Orthopedic Coding Alert

Reader Question:

Keep Track of Time on This E/M Encounter

Question: One of our providers wants to report 99203, using time to meet the level requirements for the code. The documentation the provider used stated that “25 or more minutes were spent face-to-face with the patient, and much of the encounter was spent counseling the patient on their current condition.”

Is this sufficient documentation for the 99203? Specifically, does the total time have to be at least 30 minutes in this encounter to justify a level-three new patient evaluation and management (E/M) code?

Nevada Subscriber

Answer: To bill an E/M based on time, you should first pick the code closest to the amount of time associated with it. So, if your provider documented they had spent exactly 26 minutes in total time with the patient, you would pick 99203 (Office or other outpatient visit for the evaluation and management of a new patient . Typically, 30 minutes are spent face-to-face with the patient and/or family) rather than 99202 (… Typically, 20 minutes …), as the 26 minutes is closer to the 30 minutes of 99203 than it is to the 20 minutes of 99202 (… An expanded problem focused history; An expanded problem focused examination; Straightforward medical decision making …). 

Then, you need to document that the counseling component of the encounter lasted “more than 50 percent” of that time, or more than 16 minutes in the case of 99203. The provider must also document the nature of the counseling performed.
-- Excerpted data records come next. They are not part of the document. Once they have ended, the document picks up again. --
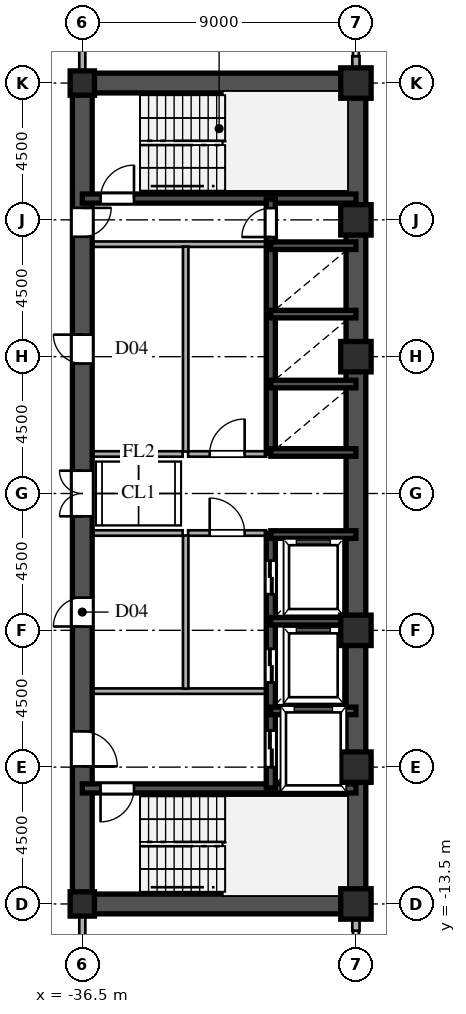
"""IFC4 building model, lengths in metres.
Left out: names, types, materials, properties, quantities, classifications, styles, units other than length and angle.
Written with IfcOpenShell. Run it as: python <this file> out.ifc"""

import sys

from ifc_helpers import new_model, si_unit, direction, frame, frame_2d, origin, origin_2d, place, context, subcontext, project, spatial, rectangle, hollow_rectangle, i_section, extrude, source, transform, mapped, element, fill, save


model = new_model("IFC4")
c1 = context("Model", 3, precision=1e-05, world=origin(), true_north=direction((0.0, 1.0)))
c2 = subcontext(c1, "Body", "Model", "MODEL_VIEW")
j1 = project(units=[si_unit("LENGTHUNIT", "METRE"), si_unit("PLANEANGLEUNIT", "RADIAN")], contexts=[c1])
p1 = place(None, origin())
s1 = spatial("IfcSite", under=j1, at=p1, CompositionType="ELEMENT")
p2 = place(p1, origin())
s2 = spatial("IfcBuilding", under=s1, at=p2, CompositionType="ELEMENT")
p3 = place(p2, frame((0.0, 0.0, 62.1)))
s3 = spatial("IfcBuildingStorey", under=s2, at=p3, CompositionType="ELEMENT", Elevation=62.1)
m1 = source(origin(), c2, "Body", "SweptSolid", [
    extrude(hollow_rectangle(XDim=1.0, YDim=1.0, WallThickness=0.042, at=origin_2d()), origin(), (0.0, 0.0, 1.0), 3.6),
])
for number, where, z_axis, x_axis in (
    (1, (-27.5, -13.5, 0.0), (0.0, 0.0, 1.0), (1.0, 0.0, 0.0)),
    (2, (-27.5, -9.0, 0.0), (0.0, 0.0, 1.0), (1.0, 0.0, 0.0)),
    (3, (-27.5, -4.5, 0.0), (0.0, 0.0, 1.0), (1.0, 0.0, 0.0)),
    (4, (-27.5, 4.5, 0.0), (0.0, 0.0, 1.0), (1.0, 0.0, 0.0)),
    (5, (-27.5, 9.0, 0.0), (0.0, 0.0, 1.0), (1.0, 0.0, 0.0)),
    (6, (-27.5, 13.5, 0.0), (0.0, 0.0, 1.0), (1.0, 0.0, 0.0)),
):
    element("IfcColumn", number, at=place(p3, frame(where, z_axis=z_axis, x_axis=x_axis)), inside=s3, PredefinedType="COLUMN", context=c2, shape_type="MappedRepresentation", body=[
        mapped(m1, transform((0.0, 0.0, 0.0), scale=1.0)),
    ])
m2 = source(origin(), c2, "Body", "SweptSolid", [
    extrude(i_section(OverallWidth=0.8, OverallDepth=0.8, WebThickness=0.032, FlangeThickness=0.05, at=origin_2d()), origin(), (0.0, 0.0, 1.0), 3.6),
])
for number, where, z_axis, x_axis in (
    (7, (-36.5, -13.5, 0.0), (0.0, 0.0, 1.0), (1.0, 0.0, 0.0)),
    (8, (-36.5, 13.5, 0.0), (0.0, 0.0, 1.0), (1.0, 0.0, 0.0)),
):
    element("IfcColumn", number, at=place(p3, frame(where, z_axis=z_axis, x_axis=x_axis)), inside=s3, PredefinedType="COLUMN", context=c2, shape_type="MappedRepresentation", body=[
        mapped(m2, transform((0.0, 0.0, 0.0), scale=1.0)),
    ])
for number, where, z_axis, x_axis in (
    (9, (-27.5, -14.38, 0.0), (0.0, 0.0, 1.0), (0.0, 1.0, 0.0)),
    (10, (-27.5, 13.83, 0.0), (0.0, 0.0, 1.0), (0.0, 1.0, 0.0)),
):
    element("IfcWall", number, at=place(p3, frame(where, z_axis=z_axis, x_axis=x_axis)), inside=s3, PredefinedType="SOLIDWALL", context=c2, shape_type="SweptSolid", body=[
        extrude(rectangle(XDim=0.55, YDim=0.24, at=frame_2d((0.275, 0.0))), origin(), (0.0, 0.0, 1.0), 2.88),
    ])
for number, where, z_axis, x_axis in (
    (11, (-27.5, -13.5, 0.0), (0.0, 0.0, 1.0), (0.0, 1.0, 0.0)),
    (12, (-27.5, 1.3, 0.0), (0.0, 0.0, 1.0), (0.0, 1.0, 0.0)),
):
    element("IfcWall", number, at=place(p3, frame(where, z_axis=z_axis, x_axis=x_axis)), inside=s3, PredefinedType="SHEAR", context=c2, shape_type="SweptSolid", body=[
        extrude(rectangle(XDim=12.2, YDim=0.65, at=frame_2d((6.1, 0.0))), origin(), (0.0, 0.0, 1.0), 3.38),
    ])
p4 = place(p3, frame((-27.5, -1.3, 0.0), z_axis=(0.0, 0.0, 1.0), x_axis=(0.0, 1.0, 0.0)))
e13 = element("IfcWall", 13, at=p4, inside=s3, PredefinedType="SHEAR", context=c2, shape_type="SweptSolid", body=[
    extrude(rectangle(XDim=2.6, YDim=0.65, at=frame_2d((1.3, 0.0))), origin(), (0.0, 0.0, 1.0), 3.38),
])
for number, where, z_axis, x_axis in (
    (14, (-36.5, -13.5, 0.0), (0.0, 0.0, 1.0), (1.0, 0.0, 0.0)),
    (15, (-36.5, 13.5, 0.0), (0.0, 0.0, 1.0), (1.0, 0.0, 0.0)),
):
    element("IfcWall", number, at=place(p3, frame(where, z_axis=z_axis, x_axis=x_axis)), inside=s3, PredefinedType="SHEAR", context=c2, shape_type="SweptSolid", body=[
        extrude(rectangle(XDim=9.0, YDim=0.65, at=frame_2d((4.5, 0.0))), origin(), (0.0, 0.0, 1.0), 3.38),
    ])
p5 = place(p3, frame((-36.5, -13.65, 0.0), z_axis=(0.0, 0.0, 1.0), x_axis=(0.0, 1.0, 0.0)))
e16 = element("IfcWall", 16, at=p5, inside=s3, PredefinedType="SHEAR", context=c2, shape_type="SweptSolid", body=[
    extrude(rectangle(XDim=7.15, YDim=0.65, at=frame_2d((3.575, 0.0))), origin(), (0.0, 0.0, 1.0), 3.38),
])
p6 = place(p5, frame((4.675, 0.0, 0.0)))
e17 = element("IfcOpeningElement", 17, at=p6, cuts=e16, PredefinedType="OPENING", context=c2, shape_type="SweptSolid", body=[
    extrude(rectangle(XDim=1.15, YDim=2.2, at=frame_2d((0.575, 1.1))), frame((0.0, 0.335, 0.0), z_axis=(0.0, -1.0, 0.0), x_axis=(1.0, 0.0, 0.0)), (0.0, 0.0, 1.0), 0.67),
])
p7 = place(p3, frame((-36.5, -1.3, 0.0), z_axis=(0.0, 0.0, 1.0), x_axis=(0.0, 1.0, 0.0)))
e18 = element("IfcWall", 18, at=p7, inside=s3, PredefinedType="SHEAR", context=c2, shape_type="SweptSolid", body=[
    extrude(rectangle(XDim=2.6, YDim=0.65, at=frame_2d((1.3, 0.0))), origin(), (0.0, 0.0, 1.0), 3.38),
])
p8 = place(p7, frame((0.55, 0.0, 0.0)))
e19 = element("IfcOpeningElement", 19, at=p8, cuts=e18, PredefinedType="OPENING", context=c2, shape_type="SweptSolid", body=[
    extrude(rectangle(XDim=1.5, YDim=2.3, at=frame_2d((0.75, 1.15))), frame((0.0, 0.335, 0.0), z_axis=(0.0, -1.0, 0.0), x_axis=(1.0, 0.0, 0.0)), (0.0, 0.0, 1.0), 0.67),
])
p9 = place(p3, frame((-36.5, 8.2, 0.0), z_axis=(0.0, 0.0, 1.0), x_axis=(0.0, 1.0, 0.0)))
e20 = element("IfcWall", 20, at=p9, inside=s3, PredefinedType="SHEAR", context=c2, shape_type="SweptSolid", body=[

In your description of the encounter, there is no indication that these criteria have been met. First, documenting “25 or more minutes” is not precise enough for documentation purposes. Similarly, the counseling component must be documented as “more than 50 percent” of that time, or more than 16 minutes in this case. Documenting “much of the encounter” is, again, not precise enough. Finally, you do not say whether the provider documented the nature of the counseling provided to the patient.

Consequently, you must work with your provider to accurately document this service if you still want to code it based on time. Alternately, you may find that the note has enough documentation to provide medical necessity, enabling you to count the E/M components of a detailed history, a detailed examination, and low-complexity medical decision making (MDM) to justify a level-three new patient E/M.